作物に農薬を使う際、疑問点があっても、つい自分の判断でよしとしてしまうことはないでしょうか。畑の作物を保護してくれる農薬ですが、使い方を誤ると、生産者にも消費者にも大きな影響が出る可能性があります。
食の安全意識への高まりとともに、農薬取締法などの法律も改正され、更なる農薬の正しい使い方が求められています。

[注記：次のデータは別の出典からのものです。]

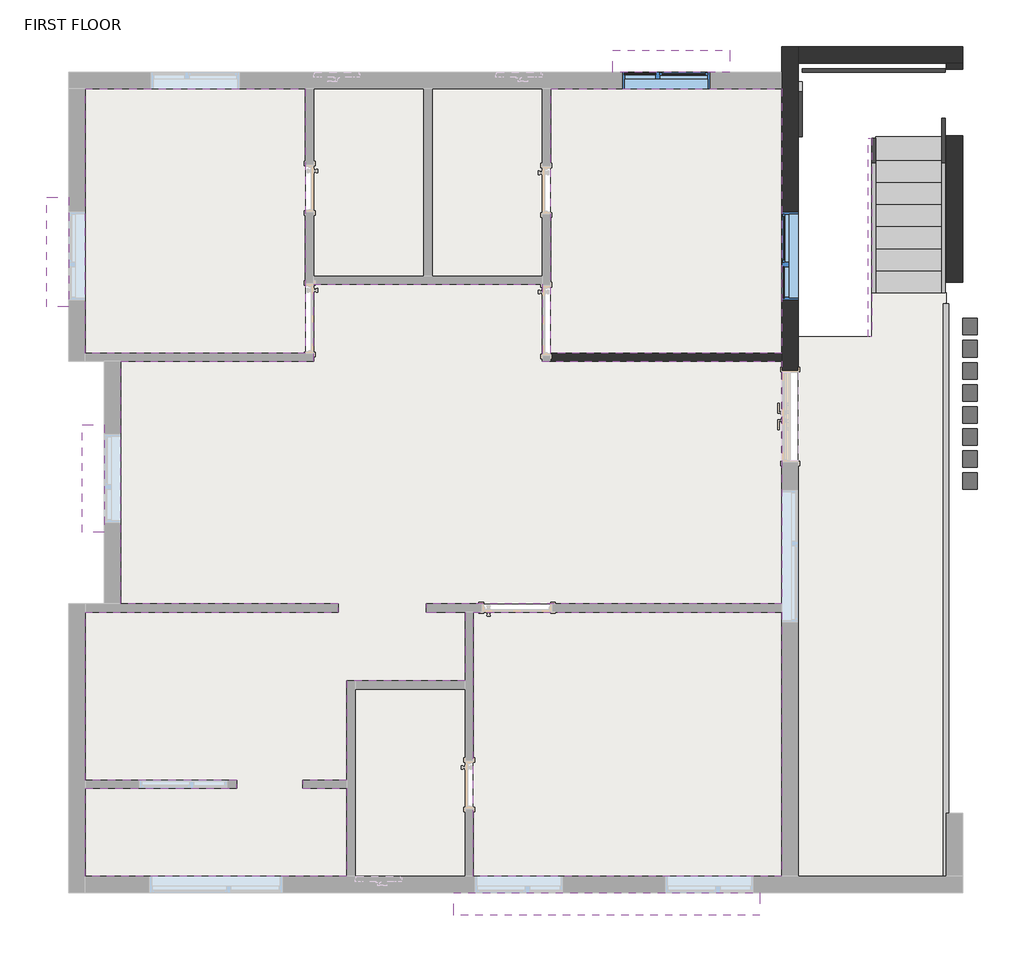
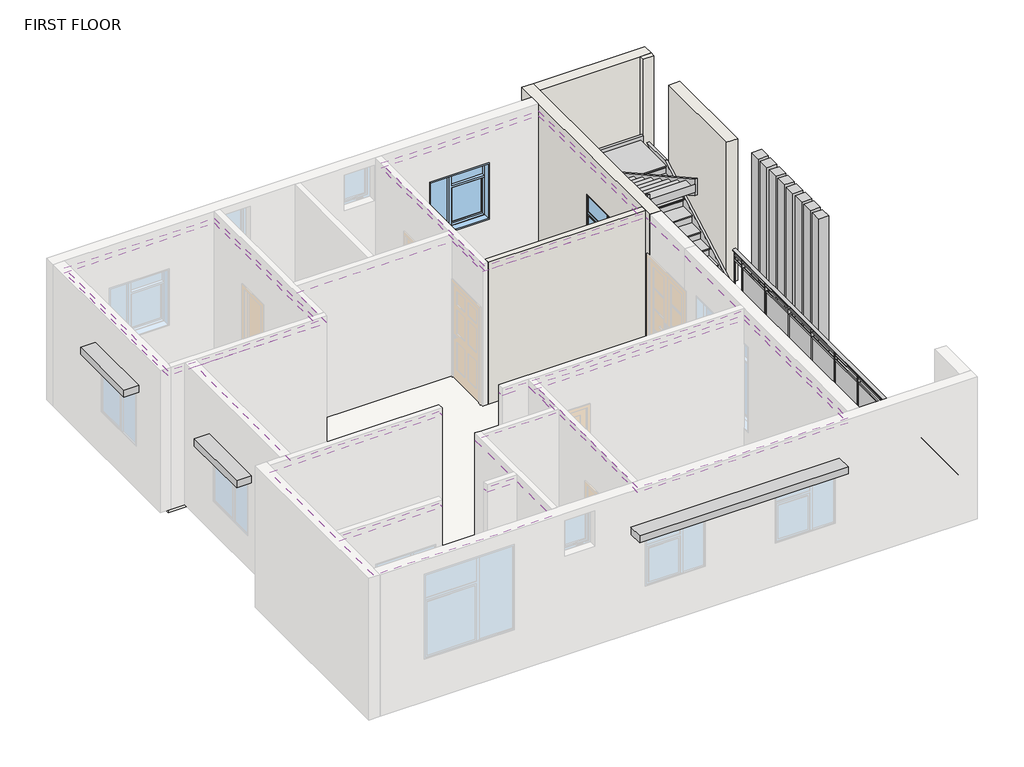
# One storey, part 2 of 2: 10 coverings, 5 members, 5 proxies, 4 walls, 2 slabs, 2 windows, 1 railing, 1 stair flight.
"""IFC4 building model written with IfcOpenShell, lengths in millimetres."""

from ifc_helpers import new_model, si_unit, point, frame, origin, place, context, project, spatial, polyline, ellipse_curve, trimmed, outline, extrude, faceted_brep, transform, mapped, element, save
from ifc_brep_helpers import plane_surface, extruded_surface, advanced_brep
from components import generic_models_10_generic_models_10_ac10314b, generic_models_3_generic_models_3_71021abf, generic_models_4_generic_models_4_4e8aec35, generic_models_7_generic_models_6_617e5b9e, generic_models_8_generic_models_8_43166a7e, stair_flight_d4afe6aa, window_casement_double_sidelight_window_4_x_4_2a492e8f

model = new_model("IFC4")

# Units and contexts
model_context = context("Model", 3, world=origin())
ifc_project = project(units=[si_unit("LENGTHUNIT", "METRE", prefix="MILLI")], contexts=[model_context])

# Site, building, storey
site = spatial("IfcSite", under=ifc_project)
building = spatial("IfcBuilding", under=site)
storey = spatial("IfcBuildingStorey", under=building, Name="FIRST FLOOR", Elevation=3048.0)

# Proxies
placement = place(None, origin())
generic_models_10_generic_models_10_shape = generic_models_10_generic_models_10_ac10314b(model_context)
element("IfcBuildingElementProxy", 1, Name="Generic Models 10 : Generic Models 10", ObjectType="Generic Models 10 : Generic Models 10", at=placement, inside=storey, context=model_context, shape_type="MappedRepresentation", body=[
    mapped(generic_models_10_generic_models_10_shape, transform((0.0, 0.0, 0.0), x_axis=(1.0, 0.0, 0.0), y_axis=(0.0, 1.0, 0.0), z_axis=(0.0, 0.0, 1.0))),
])
generic_models_3_generic_models_3_shape = generic_models_3_generic_models_3_71021abf(model_context)
element("IfcBuildingElementProxy", 2, Name="Generic Models 3 : Generic Models 3", ObjectType="Generic Models 3 : Generic Models 3", at=placement, inside=storey, context=model_context, shape_type="MappedRepresentation", body=[
    mapped(generic_models_3_generic_models_3_shape, transform((0.0, 0.0, 0.0), x_axis=(1.0, 0.0, 0.0), y_axis=(0.0, 1.0, 0.0), z_axis=(0.0, 0.0, 1.0))),
])
generic_models_4_generic_models_4_shape = generic_models_4_generic_models_4_4e8aec35(model_context)
element("IfcBuildingElementProxy", 3, Name="Generic Models 4 : Generic Models 4", ObjectType="Generic Models 4 : Generic Models 4", at=placement, inside=storey, context=model_context, shape_type="MappedRepresentation", body=[
    mapped(generic_models_4_generic_models_4_shape, transform((0.0, 0.0, 0.0), x_axis=(1.0, 0.0, 0.0), y_axis=(0.0, 1.0, 0.0), z_axis=(0.0, 0.0, 1.0))),
])
generic_models_7_generic_models_6_shape = generic_models_7_generic_models_6_617e5b9e(model_context)
element("IfcBuildingElementProxy", 4, Name="Generic Models 7 : Generic Models 6", ObjectType="Generic Models 7 : Generic Models 6", at=placement, inside=storey, context=model_context, shape_type="MappedRepresentation", body=[
    mapped(generic_models_7_generic_models_6_shape, transform((0.0, 0.0, 3048.0), x_axis=(1.0, 0.0, 0.0), y_axis=(0.0, 1.0, 0.0), z_axis=(0.0, 0.0, 1.0))),
])
generic_models_8_generic_models_8_shape = generic_models_8_generic_models_8_43166a7e(model_context)
element("IfcBuildingElementProxy", 5, Name="Generic Models 8 : Generic Models 8", ObjectType="Generic Models 8 : Generic Models 8", at=placement, inside=storey, context=model_context, shape_type="MappedRepresentation", body=[
    mapped(generic_models_8_generic_models_8_shape, transform((0.0, 0.0, 0.0), x_axis=(1.0, 0.0, 0.0), y_axis=(0.0, 1.0, 0.0), z_axis=(0.0, 0.0, 1.0))),
])

# Coverings
element("IfcCovering", 6, ObjectType="GWB on Mtl. Stud", at=placement, inside=storey, context=model_context, shape_type="SweptSolid", body=[
    extrude(outline(polyline([(-12301.4656154, -3057.0499125), (-14396.9656154, -3057.0499125), (-14396.9656154, -732.9499125), (-10895.4913348, -732.9499125), (-10895.4913348, -618.6499125), (-13901.6656154, -618.6499125), (-13901.6656154, 2734.1500875), (-11234.6656154, 2734.1500875), (-11234.6656154, 3800.9500875), (-8072.3656154, 3800.9500875), (-8072.3656154, 2734.1500875), (-4757.6656154, 2734.1500875), (-4757.6656154, 2581.7500875), (-4757.6656154, 1362.5500875), (-4757.6656154, -618.6499125), (-9676.2913348, -618.6499125), (-9676.2913348, -732.9499125), (-9139.1656154, -732.9499125), (-9139.1656154, -1685.4499125), (-10777.4656154, -1685.4499125), (-10777.4656154, -3057.0499125), (-11387.0656154, -3057.0499125), (-11387.0656154, -3171.3499125), (-10777.4656154, -3171.3499125), (-10777.4656154, -4390.5499125), (-14396.9656154, -4390.5499125), (-14396.9656154, -3171.3499125), (-12301.4656154, -3171.3499125), (-12301.4656154, -3057.0499125)])), frame((0.0, 0.0, 5943.6), z_axis=(0.0, 0.0, 1.0), x_axis=(1.0, 0.0, 0.0)), (0.0, 0.0, 1.0), 107.95),
])
element("IfcCovering", 7, ObjectType="GWB on Mtl. Stud", at=placement, inside=storey, context=model_context, shape_type="SweptSolid", body=[
    extrude(outline(polyline([(-12301.4656154, -3057.0499125), (-14396.9656154, -3057.0499125), (-14396.9656154, -732.9499125), (-10895.4913348, -732.9499125), (-10895.4913348, -618.6499125), (-13901.6656154, -618.6499125), (-13901.6656154, 2734.1500875), (-11234.6656154, 2734.1500875), (-11234.6656154, 3800.9500875), (-8072.3656154, 3800.9500875), (-8072.3656154, 2734.1500875), (-4757.6656154, 2734.1500875), (-4757.6656154, 2581.7500875), (-4757.6656154, 1362.5500875), (-4757.6656154, -618.6499125), (-9676.2913348, -618.6499125), (-9676.2913348, -732.9499125), (-9139.1656154, -732.9499125), (-9139.1656154, -1685.4499125), (-10777.4656154, -1685.4499125), (-10777.4656154, -3057.0499125), (-11387.0656154, -3057.0499125), (-11387.0656154, -3171.3499125), (-10777.4656154, -3171.3499125), (-10777.4656154, -4390.5499125), (-14396.9656154, -4390.5499125), (-14396.9656154, -3171.3499125), (-12301.4656154, -3171.3499125), (-12301.4656154, -3057.0499125)])), frame((0.0, 0.0, 5943.6), z_axis=(0.0, 0.0, 1.0), x_axis=(1.0, 0.0, 0.0)), (0.0, 0.0, 1.0), 107.95),
])
element("IfcCovering", 8, ObjectType="GWB on Mtl. Stud", at=placement, inside=storey, context=model_context, shape_type="SweptSolid", body=[
    extrude(outline(polyline([(-12301.4656154, -3057.0499125), (-14396.9656154, -3057.0499125), (-14396.9656154, -732.9499125), (-10895.4913348, -732.9499125), (-10895.4913348, -618.6499125), (-13901.6656154, -618.6499125), (-13901.6656154, 2734.1500875), (-11234.6656154, 2734.1500875), (-11234.6656154, 3800.9500875), (-8072.3656154, 3800.9500875), (-8072.3656154, 2734.1500875), (-4757.6656154, 2734.1500875), (-4757.6656154, 2581.7500875), (-4757.6656154, 1362.5500875), (-4757.6656154, -618.6499125), (-9676.2913348, -618.6499125), (-9676.2913348, -732.9499125), (-9139.1656154, -732.9499125), (-9139.1656154, -1685.4499125), (-10777.4656154, -1685.4499125), (-10777.4656154, -3057.0499125), (-11387.0656154, -3057.0499125), (-11387.0656154, -3171.3499125), (-10777.4656154, -3171.3499125), (-10777.4656154, -4390.5499125), (-14396.9656154, -4390.5499125), (-14396.9656154, -3171.3499125), (-12301.4656154, -3171.3499125), (-12301.4656154, -3057.0499125)])), frame((0.0, 0.0, 5943.6), z_axis=(0.0, 0.0, 1.0), x_axis=(1.0, 0.0, 0.0)), (0.0, 0.0, 1.0), 107.95),
])
element("IfcCovering", 9, ObjectType="recessed ceiling", at=placement, inside=storey, context=model_context, shape_type="SweptSolid", body=[
    extrude(outline(polyline([(-14396.9656154, 2848.4500875), (-14396.9656154, 6506.0500875), (-11348.9656154, 6506.0500875), (-11348.9656154, 2848.4500875), (-14396.9656154, 2848.4500875)])), frame((0.0, 0.0, 5943.6), z_axis=(0.0, 0.0, 1.0), x_axis=(1.0, 0.0, 0.0)), (0.0, 0.0, 1.0), 107.95),
])
element("IfcCovering", 10, ObjectType="recessed ceiling", at=placement, inside=storey, context=model_context, shape_type="SweptSolid", body=[
    extrude(outline(polyline([(-11348.9656154, 6506.0500875), (-11348.9656154, 2848.4500875), (-14396.9656154, 2848.4500875), (-14396.9656154, 6506.0500875), (-11348.9656154, 6506.0500875)]), holes=[polyline([(-11653.7656154, 6201.2500875), (-14092.1656154, 6201.2500875), (-14092.1656154, 3153.2500875), (-11653.7656154, 3153.2500875), (-11653.7656154, 6201.2500875)])]), frame((0.0, 0.0, 5842.0), z_axis=(0.0, 0.0, 1.0), x_axis=(1.0, 0.0, 0.0)), (0.0, 0.0, 1.0), 107.95),
])
element("IfcCovering", 11, ObjectType="recessed ceiling", at=placement, inside=storey, context=model_context, shape_type="SweptSolid", body=[
    extrude(outline(polyline([(-7958.0656154, 2848.4500875), (-7958.0656154, 6506.0500875), (-4757.6656154, 6506.0500875), (-4757.6656154, 2848.4500875), (-7958.0656154, 2848.4500875)])), frame((0.0, 0.0, 5943.6), z_axis=(0.0, 0.0, 1.0), x_axis=(1.0, 0.0, 0.0)), (0.0, 0.0, 1.0), 107.95),
])
element("IfcCovering", 12, ObjectType="recessed ceiling", at=placement, inside=storey, context=model_context, shape_type="SweptSolid", body=[
    extrude(outline(polyline([(-4757.6656154, 6506.0500875), (-4757.6656154, 2848.4500875), (-7958.0656154, 2848.4500875), (-7958.0656154, 6506.0500875), (-4757.6656154, 6506.0500875)]), holes=[polyline([(-5062.4656154, 6201.2500875), (-7653.2656154, 6201.2500875), (-7653.2656154, 3153.2500875), (-5062.4656154, 3153.2500875), (-5062.4656154, 6201.2500875)])]), frame((0.0, 0.0, 5842.0), z_axis=(0.0, 0.0, 1.0), x_axis=(1.0, 0.0, 0.0)), (0.0, 0.0, 1.0), 107.95),
])
element("IfcCovering", 13, ObjectType="recessed ceiling", at=placement, inside=storey, context=model_context, shape_type="SweptSolid", body=[
    extrude(outline(polyline([(-4757.6656154, -732.9499125), (-4757.6656154, -4390.5499125), (-9024.8656154, -4390.5499125), (-9024.8656154, -732.9499125), (-4757.6656154, -732.9499125)])), frame((0.0, 0.0, 5943.6), z_axis=(0.0, 0.0, 1.0), x_axis=(1.0, 0.0, 0.0)), (0.0, 0.0, 1.0), 107.95),
])
element("IfcCovering", 14, ObjectType="recessed ceiling", at=placement, inside=storey, context=model_context, shape_type="SweptSolid", body=[
    extrude(outline(polyline([(-4757.6656154, -732.9499125), (-4757.6656154, -4390.5499125), (-9024.8656154, -4390.5499125), (-9024.8656154, -732.9499125), (-4757.6656154, -732.9499125)])), frame((0.0, 0.0, 5943.6), z_axis=(0.0, 0.0, 1.0), x_axis=(1.0, 0.0, 0.0)), (0.0, 0.0, 1.0), 107.95),
])
element("IfcCovering", 15, ObjectType="recessed ceiling", at=placement, inside=storey, context=model_context, shape_type="SweptSolid", body=[
    extrude(outline(polyline([(-4757.6656154, -732.9499125), (-4757.6656154, -4390.5499125), (-9024.8656154, -4390.5499125), (-9024.8656154, -732.9499125), (-4757.6656154, -732.9499125)]), holes=[polyline([(-5062.4656154, -1037.7499125), (-8720.0656154, -1037.7499125), (-8720.0656154, -4085.7499125), (-5062.4656154, -4085.7499125), (-5062.4656154, -1037.7499125)])]), frame((0.0, 0.0, 5842.0), z_axis=(0.0, 0.0, 1.0), x_axis=(1.0, 0.0, 0.0)), (0.0, 0.0, 1.0), 107.95),
])

# Members
element("IfcMember", 16, ObjectType="Stringer - 2\" Width", at=placement, inside=storey, context=model_context, shape_type="SweptSolid", body=[
    extrude(outline(polyline([(3686.6500875, 3048.0), (3686.6500875, 3255.5983948), (5751.3729769, 4402.6666667), (5820.2500875, 4402.6666667), (5820.2500875, 4092.253054), (3940.5945903, 3048.0), (3686.6500875, 3048.0)])), frame((-3513.0656154, 0.0, 0.0), z_axis=(1.0, 0.0, 0.0), x_axis=(0.0, 1.0, 0.0)), (0.0, 0.0, 1.0), 50.8),
])
element("IfcMember", 17, ObjectType="Stringer - 2\" Width", at=placement, inside=storey, context=model_context, shape_type="SweptSolid", body=[
    extrude(outline(polyline([(5820.2500875, 4610.2650614), (5820.2500875, 4261.5863873), (3077.0500875, 5785.5863873), (3077.0500875, 6134.2650614), (5820.2500875, 4610.2650614)])), frame((-3563.8656154, 0.0, 0.0), z_axis=(1.0, 0.0, 0.0), x_axis=(0.0, 1.0, 0.0)), (0.0, 0.0, 1.0), 50.8),
])
element("IfcMember", 18, ObjectType="Stringer - 2\" Width", at=placement, inside=storey, context=model_context, shape_type="SweptSolid", body=[
    extrude(outline(polyline([(3686.6500875, 3048.0), (3686.6500875, 3255.5983948), (5888.5329769, 4478.8666667), (6516.1545903, 4478.8666667), (3940.5945903, 3048.0), (3686.6500875, 3048.0)])), frame((-2547.8656154, 0.0, 0.0), z_axis=(1.0, 0.0, 0.0), x_axis=(0.0, 1.0, 0.0)), (0.0, 0.0, 1.0), 50.8),
])
element("IfcMember", 19, ObjectType="Stringer - 2\" Width", at=placement, inside=storey, context=model_context, shape_type="SweptSolid", body=[
    extrude(outline(polyline([(-2497.0656154, 6785.4500875), (-2497.0656154, 6734.6500875), (-4478.2656154, 6734.6500875), (-4478.2656154, 6785.4500875), (-2497.0656154, 6785.4500875)])), frame((0.0, 0.0, 4174.0666667), z_axis=(0.0, 0.0, 1.0), x_axis=(1.0, 0.0, 0.0)), (0.0, 0.0, 1.0), 304.8),
])
element("IfcMember", 20, ObjectType="Stringer - 2\" Width", at=placement, inside=storey, context=model_context, shape_type="SweptSolid", body=[
    extrude(outline(polyline([(5977.7855847, 4174.0666667), (3077.0500875, 5785.5863873), (3077.0500875, 6134.2650614), (6605.4071981, 4174.0666667), (5977.7855847, 4174.0666667)])), frame((-4529.0656154, 0.0, 0.0), z_axis=(1.0, 0.0, 0.0), x_axis=(0.0, 1.0, 0.0)), (0.0, 0.0, 1.0), 50.8),
])

# Railing
element("IfcRailing", 21, ObjectType="Glass Panel - Bottom Fill", at=placement, inside=storey, context=model_context, shape_type="SolidModel", body=[
    advanced_brep(
    [(-2522.4656154, -4390.5499125, 3962.4), (-2446.2656154, -4390.5499125, 3962.4), (-2522.4656154, 3534.2500875, 3962.4), (-2446.2656154, 3534.2500875, 3962.4)],
    [
        (0, 1, ellipse_curve(frame((-2484.3656154, -4390.5499125, 3962.4), z_axis=(0.0, -1.0, 0.0), x_axis=(1.0, 0.0, 0.0)), 38.1, 28.575)),
        (1, 0, ellipse_curve(frame((-2484.3656154, -4390.5499125, 3962.4), z_axis=(0.0, -1.0, 0.0), x_axis=(1.0, 0.0, 0.0)), 38.1, 28.575)),
        (2, 3, ellipse_curve(frame((-2484.3656154, 3534.2500875, 3962.4), z_axis=(0.0, 1.0, 0.0), x_axis=(1.0, 0.0, 0.0)), 38.1, 28.575)),
        (3, 2, ellipse_curve(frame((-2484.3656154, 3534.2500875, 3962.4), z_axis=(0.0, 1.0, 0.0), x_axis=(1.0, 0.0, 0.0)), 38.1, 28.575)),
        (0, 2),
        (3, 1),
    ],
    [
        plane_surface(frame((-2484.3656154, -4390.5499125, 3962.4), z_axis=(0.0, -1.0, 0.0), x_axis=(0.0, 0.0, 1.0))),
        plane_surface(frame((-2484.3656154, 3534.2500875, 3962.4), z_axis=(0.0, 1.0, 0.0), x_axis=(0.0, 0.0, 1.0))),
        extruded_surface(trimmed(ellipse_curve(frame((-2484.3656154, 3534.2500875, 3962.4), z_axis=(0.0, -1.0, 0.0), x_axis=(1.0, 0.0, 0.0)), 38.1, 28.575), [point((-2522.4656154, 3534.2500875, 3962.4))], [point((-2446.2656154, 3534.2500875, 3962.4))], True, "CARTESIAN"), (0.0, -7924.799999999999, 0.0), 7924.799999999999),
        extruded_surface(trimmed(ellipse_curve(frame((-2484.3656154, 3534.2500875, 3962.4), z_axis=(0.0, -1.0, 0.0), x_axis=(1.0, 0.0, 0.0)), 38.1, 28.575), [point((-2446.2656154, 3534.2500875, 3962.4))], [point((-2522.4656154, 3534.2500875, 3962.4))], True, "CARTESIAN"), (0.0, -7924.799999999999, 0.0), 7924.799999999999),
    ],
    [
        (0, [[1, 2]]),
        (1, [[3, 4]]),
        (2, [[-1, 5, -4, 6]]),
        (3, [[-2, -6, -3, -5]]),
    ],
),
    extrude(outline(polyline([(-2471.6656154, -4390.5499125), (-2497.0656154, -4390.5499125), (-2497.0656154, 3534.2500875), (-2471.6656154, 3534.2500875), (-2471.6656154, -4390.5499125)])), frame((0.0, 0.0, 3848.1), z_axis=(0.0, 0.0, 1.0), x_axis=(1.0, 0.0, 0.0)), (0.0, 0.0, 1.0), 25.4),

作物保護の役割と農薬の安全性について正しい知識を普及するとともに、農薬の適正使用を推進するための活動を行っているのが、非営利団体のJCPA。その活動のひとつが、2006年から始めた講師派遣事業です。全国各地の行政機関や団体に専門講師を派遣し、農薬の適正使用を目的とした講演会や研修会を行うというもの。
その一環が、直売所などに出荷する就農者向けに行う生産者セミナーです。

2022年8月に、愛媛県今治市のJAおちいまばり直売所「さいさいきて屋」で行われた「農薬とマスクのセミナー」には、直売所に野菜や果樹を出荷する生産者の方々が参加しました。

まずは、農薬の正しい使い方についての講演。2020年に、ある生産者が春菊を栽培する際に別の野菜用の農薬を使ってしまったことで、結果的に残留基準値の180倍もの数値が検出され、出荷済みの作物の回収だけでなく、風評被害も発生したという例が挙げられました。

うっかりミスでも大きな影響が出てしまうこと、自分だけでなく同じ産地の仲間にまで迷惑をかけてしまうこと。だからこそ、一人ひとりの農薬使用者が責任を強く認識してほしいという内容でした。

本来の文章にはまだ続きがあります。